研究生: |
陳柏華 Po-Hua Chen |
---|---|
論文名稱: |
基於圖塊遮罩於稠密語意特徵對齊之少樣本語意分割 Few-shot Semantic Segmentation with Mask-Based Dense Semantic Feature Alignment |
指導教授: |
郭景明
Jing-Ming Guo |
口試委員: |
郭景明
Jing-Ming Guo 張傳育 Chuan-Yu Chang 高文忠 Wen-Chung Kao 陸敬互 Ching-Hu Lu 宋啟嘉 Chi-Chia Sun |
學位類別: |
碩士 Master |
系所名稱: |
電資學院 - 電機工程系 Department of Electrical Engineering |
論文出版年: | 2023 |
畢業學年度: | 111 |
語文別: | 中文 |
論文頁數: | 87 |
中文關鍵詞: | 少樣本語意分割 、無監督訓練 、非對稱卷積 、特徵比對 |
外文關鍵詞: | Few-shot segmentation, Unsupervised learning, Asymmetric convolution, Feature matching |
相關次數: | 點閱:272 下載:0 |
分享至: |
查詢本校圖書館目錄 查詢臺灣博碩士論文知識加值系統 勘誤回報 |
過往的語意分割任務中,深度神經網路遵循傳統的學習方法,通過大量且帶像素級別標籤標註的資料集引導模型進行學習,模型可以從中習得有助於理解和描述圖像的語意特徵,這些特徵涵蓋了圖像中的物體類別、區域以及上下文等重要資訊,從而協助模型準確地進行像素級別的分類。然而,在實際的應用場景中,收集並準確標註大量的資料集可能會面臨眾多挑戰,在這當中又以密集預測的語意分割任務更是如此,在語意分割任務的標註中,資料的標註範圍涵蓋了圖像內的所有像素,將圖像中的區域細分成不同的類別,標註的過程費時且仰賴高昂的人力成本。此外,傳統的語意分割架構僅具備識別訓練時出現過類別的能力,當圖像中出現未曾見過的新類別時,模型往往無法正確的劃分出物件的輪廓以及所屬的類別。綜合以上論述,大量帶正確標註的資料集和預定義類別的先決條件限制了語意分割的發展性。

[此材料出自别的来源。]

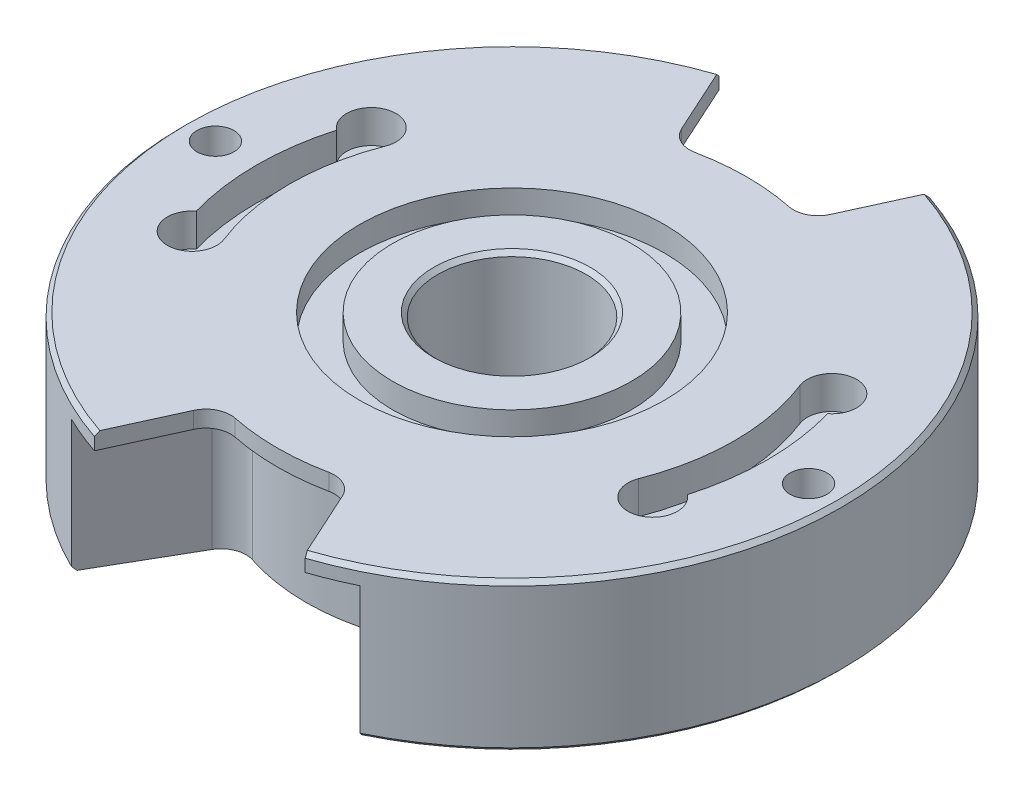
SolidWorks part; units mm, degrees
ref_plane "Front Plane" through (0, 0, 0) normal (0, 0, 1) x (1, 0, 0)
ref_plane "Top Plane" through (0, 0, 0) normal (0, 1, 0) x (1, 0, 0)
ref_plane "Right Plane" through (0, 0, 0) normal (1, 0, 0) x (0, 0, -1)
other "Configuration Table"
sketch "Sketch1" plane through (0, 0, 0) normal (0, 1, 0) x (1, 0, 0)
  circle A0 centre (0, 0) radius 40
  dimension "D1" = 80
extrude "Boss-Extrude1" add sketch "Sketch1" along normal blind 18
chamfer "Chamfer2" distance 0.5 angle 45 2 edges at (0, 0, 40) (0, 18, 40)
sketch "Sketch2" plane through (0, 18, 0) normal (0, 1, 0) x (1, 0, 0)
  line L0 (-36, 0) -> (36, 0) construction
  line L1 (0, 0) -> (0, -31.9265) construction
  circle A0 centre (36, 0) radius 2.25
  circle A1 centre (-36, 0) radius 2.25
  dimension "D1" = 4.5
  dimension "D2" = 36
extrude "Cut-Extrude1" cut sketch "Sketch2" against normal through all and the other way through all
sketch "Sketch3" plane through (0, 18, 0) normal (0, 1, 0) x (1, 0, 0)
  line L0 (-54.6069, 0) -> (54.6069, 0) construction
  line L1 (0, 0) -> (-45.6722, 23.2711) construction
  line L2 (0, 0) -> (-45.6722, -23.2711) construction
  line L3 (0, 0) -> (0, 53.5192) construction
  line L4 (0, 0) -> (45.6722, -23.2711) construction
  line L5 (0, 0) -> (45.6722, 23.2711) construction
  arc A0 (-25.1624, 9.7906) -> (-25.1624, -9.7906) centre (0, 0) ccw
  arc A2 (-25.1624, 9.7906) -> (-29.8073, 8.5161) centre (-27.9582, 10.8784) ccw
  arc A3 (-29.8073, 8.5161) -> (-29.8073, -8.5161) centre (0, 0) ccw
  arc A4 (-25.1624, -9.7906) -> (-29.8073, -8.5161) centre (-27.9582, -10.8784) cw
  arc A5 (25.1624, -9.7906) -> (29.8073, -8.5161) centre (27.9582, -10.8784) ccw
  arc A6 (29.8073, 8.5161) -> (29.8073, -8.5161) centre (0, 0) cw
  arc A7 (25.1624, 9.7906) -> (29.8073, 8.5161) centre (27.9582, 10.8784) cw
  arc A8 (25.1624, 9.7906) -> (25.1624, -9.7906) centre (0, 0) cw
  dimension "D1" = 54
  dimension "D2" = 31
  dimension "D4" = 6
  dimension "D3" = 27
extrude "Cut-Extrude2" cut sketch "Sketch3" against normal blind 4
sketch "Sketch4" plane through (0, 18, 0) normal (0, 1, 0) x (1, 0, 0)
  line L0 (0, 64.1872) -> (0, 0) construction
  line L1 (-12.7978, 37.8975) -> (-9.0257, 29.6204)
  line L2 (0, 0) -> (-60.0977, 0) construction
  line L3 (12.7978, 37.8975) -> (9.0257, 29.6204)
  line L4 (12.7978, -37.8975) -> (9.0257, -29.6204)
  line L5 (-12.7978, -37.8975) -> (-9.0257, -29.6204)
  arc A0 (5.6962, 27.925) -> (-5.6962, 27.925) centre (0, 0) ccw
  circle A1 centre (0, 0) radius 40 construction
  arc A3 (-25.1624, 9.7906) -> (-29.8073, 8.5161) centre (-27.9582, 10.8784) ccw construction
  arc A4 (12.7978, 37.8975) -> (-12.7978, 37.8975) centre (0, 0) ccw
  arc A5 (9.0257, 29.6204) -> (5.6962, 27.925) centre (6.2958, 30.8644) cw
  arc A6 (-9.0257, 29.6204) -> (-5.6962, 27.925) centre (-6.2958, 30.8644) ccw
  arc A7 (-9.0257, -29.6204) -> (-5.6962, -27.925) centre (-6.2958, -30.8644) cw
  arc A8 (9.0257, -29.6204) -> (5.6962, -27.925) centre (6.2958, -30.8644) ccw
  arc A9 (12.7978, -37.8975) -> (-12.7978, -37.8975) centre (0, 0) cw
  arc A10 (5.6962, -27.925) -> (-5.6962, -27.925) centre (0, 0) cw
  point P14 (7.9937, 27.356)
  point P17 (-7.9937, 27.356)
  point P26 (-7.9937, -27.356)
  point P27 (7.9937, -27.356)
  dimension "D1" = 57
  dimension "D3" = 25
  dimension "D4" = 3
  dimension "D2" = 24.5
extrude "Cut-Extrude3" cut sketch "Sketch4" against normal through all
sketch "Sketch5" plane through (0, 0, 0) normal (0, -1, 0) x (-1, 0, 0)
  circle A0 centre (0, 0) radius 9
  dimension "D1" = 18
extrude "Cut-Extrude4" cut sketch "Sketch5" against normal through all
sketch "Sketch6" plane through (0, 0, 0) normal (0, -1, 0) x (-1, 0, 0)
  line L0 (57.0258, 0) -> (0, 0) construction
  line L1 (0, 60.3123) -> (0, -60.3123) construction
  line L2 (17.5295, -35.9544) -> (11.2752, -25.1216)
  line L5 (-17.5295, -35.9544) -> (-11.2752, -25.1216)
  line L6 (-17.5295, 35.9544) -> (-11.2752, 25.1216)
  line L7 (17.5295, 35.9544) -> (11.2752, 25.1216)
  arc A0 (-7.7474, -23.7693) -> (7.7474, -23.7693) centre (0, 0) ccw
  arc A2 (-20.2055, 34.5216) -> (-20.2055, -34.5216) centre (0, 0) ccw construction
  arc A3 (-17.5295, -35.9544) -> (17.5295, -35.9544) centre (0, 0) ccw
  arc A4 (-17.5295, 35.9544) -> (17.5295, 35.9544) centre (0, 0) cw
  arc A5 (-7.7474, 23.7693) -> (7.7474, 23.7693) centre (0, 0) cw
  arc A6 (-11.2752, -25.1216) -> (-7.7474, -23.7693) centre (-8.6771, -26.6216) cw
  arc A7 (11.2752, -25.1216) -> (7.7474, -23.7693) centre (8.6771, -26.6216) ccw
  arc A8 (7.7474, 23.7693) -> (11.2752, 25.1216) centre (8.6771, 26.6216) ccw
  arc A9 (-7.7474, 23.7693) -> (-11.2752, 25.1216) centre (-8.6771, 26.6216) cw
  point P18 (-10, -22.9129)
  point P21 (10, -22.9129)
  point P24 (10, 22.9129)
  point P27 (-10, 22.9129)
  dimension "D1" = 50
  dimension "D3" = 3
  dimension "D2" = 30
  dimension "D4" = 10
extrude "Cut-Extrude5" cut sketch "Sketch6" against normal blind 16
sketch "Sketch7" plane through (0, 18, 0) normal (0, 1, 0) x (1, 0, 0)
  circle A0 centre (0, 0) radius 14.5
  circle A1 centre (0, 0) radius 18.5
  dimension "D1" = 29
  dimension "D2" = 37
extrude "Cut-Extrude6" cut sketch "Sketch7" against normal blind 3
chamfer "Chamfer1" distance 0.5 angle 45 2 edges at (0, 0, -9) (0, 18, -9)

為了克服傳統語意分割的問題,少樣本語意分割引起了廣泛的關注。少樣本語意分割旨在開發一種無類別限制的網路,通過僅有少量像素級別標註的資料集訓練網路對未曾見過的新類別進行語意分割。其關鍵在於如何有效地使網路適應各種情況,利用查詢圖像和支援集之間細粒度相關性的交互作用,充分使用可取得的圖像中有限的資訊。然而,對於現今的少樣本語意分割方法來說,因資料壓縮造成粗糙的分割結果仍然是一個存在的問題,歸因於代表性特徵的限制以及資料內部的語意特徵未被充分的使用。在本論文中,設計了基於圖塊遮罩於稠密語意特徵對齊之少樣本語意分割網路,所提出方法能有效地發掘目標類別內像素間的相關性,增強查詢特徵和支援特徵之間目標類別的語意概念。同時,設計非對稱特徵融合模組,通過改良基底架構的結構並引入過往文獻中的先驗遮罩,搭配非對稱卷積結構結合多尺度特徵,進一步提升語意分割的性能。實驗結果表明,本論文所提出方法能有效的利用少量帶有像素級別標註的資料集,在公開的資料集FSS-1000中取得具有競爭力的語意分割成果。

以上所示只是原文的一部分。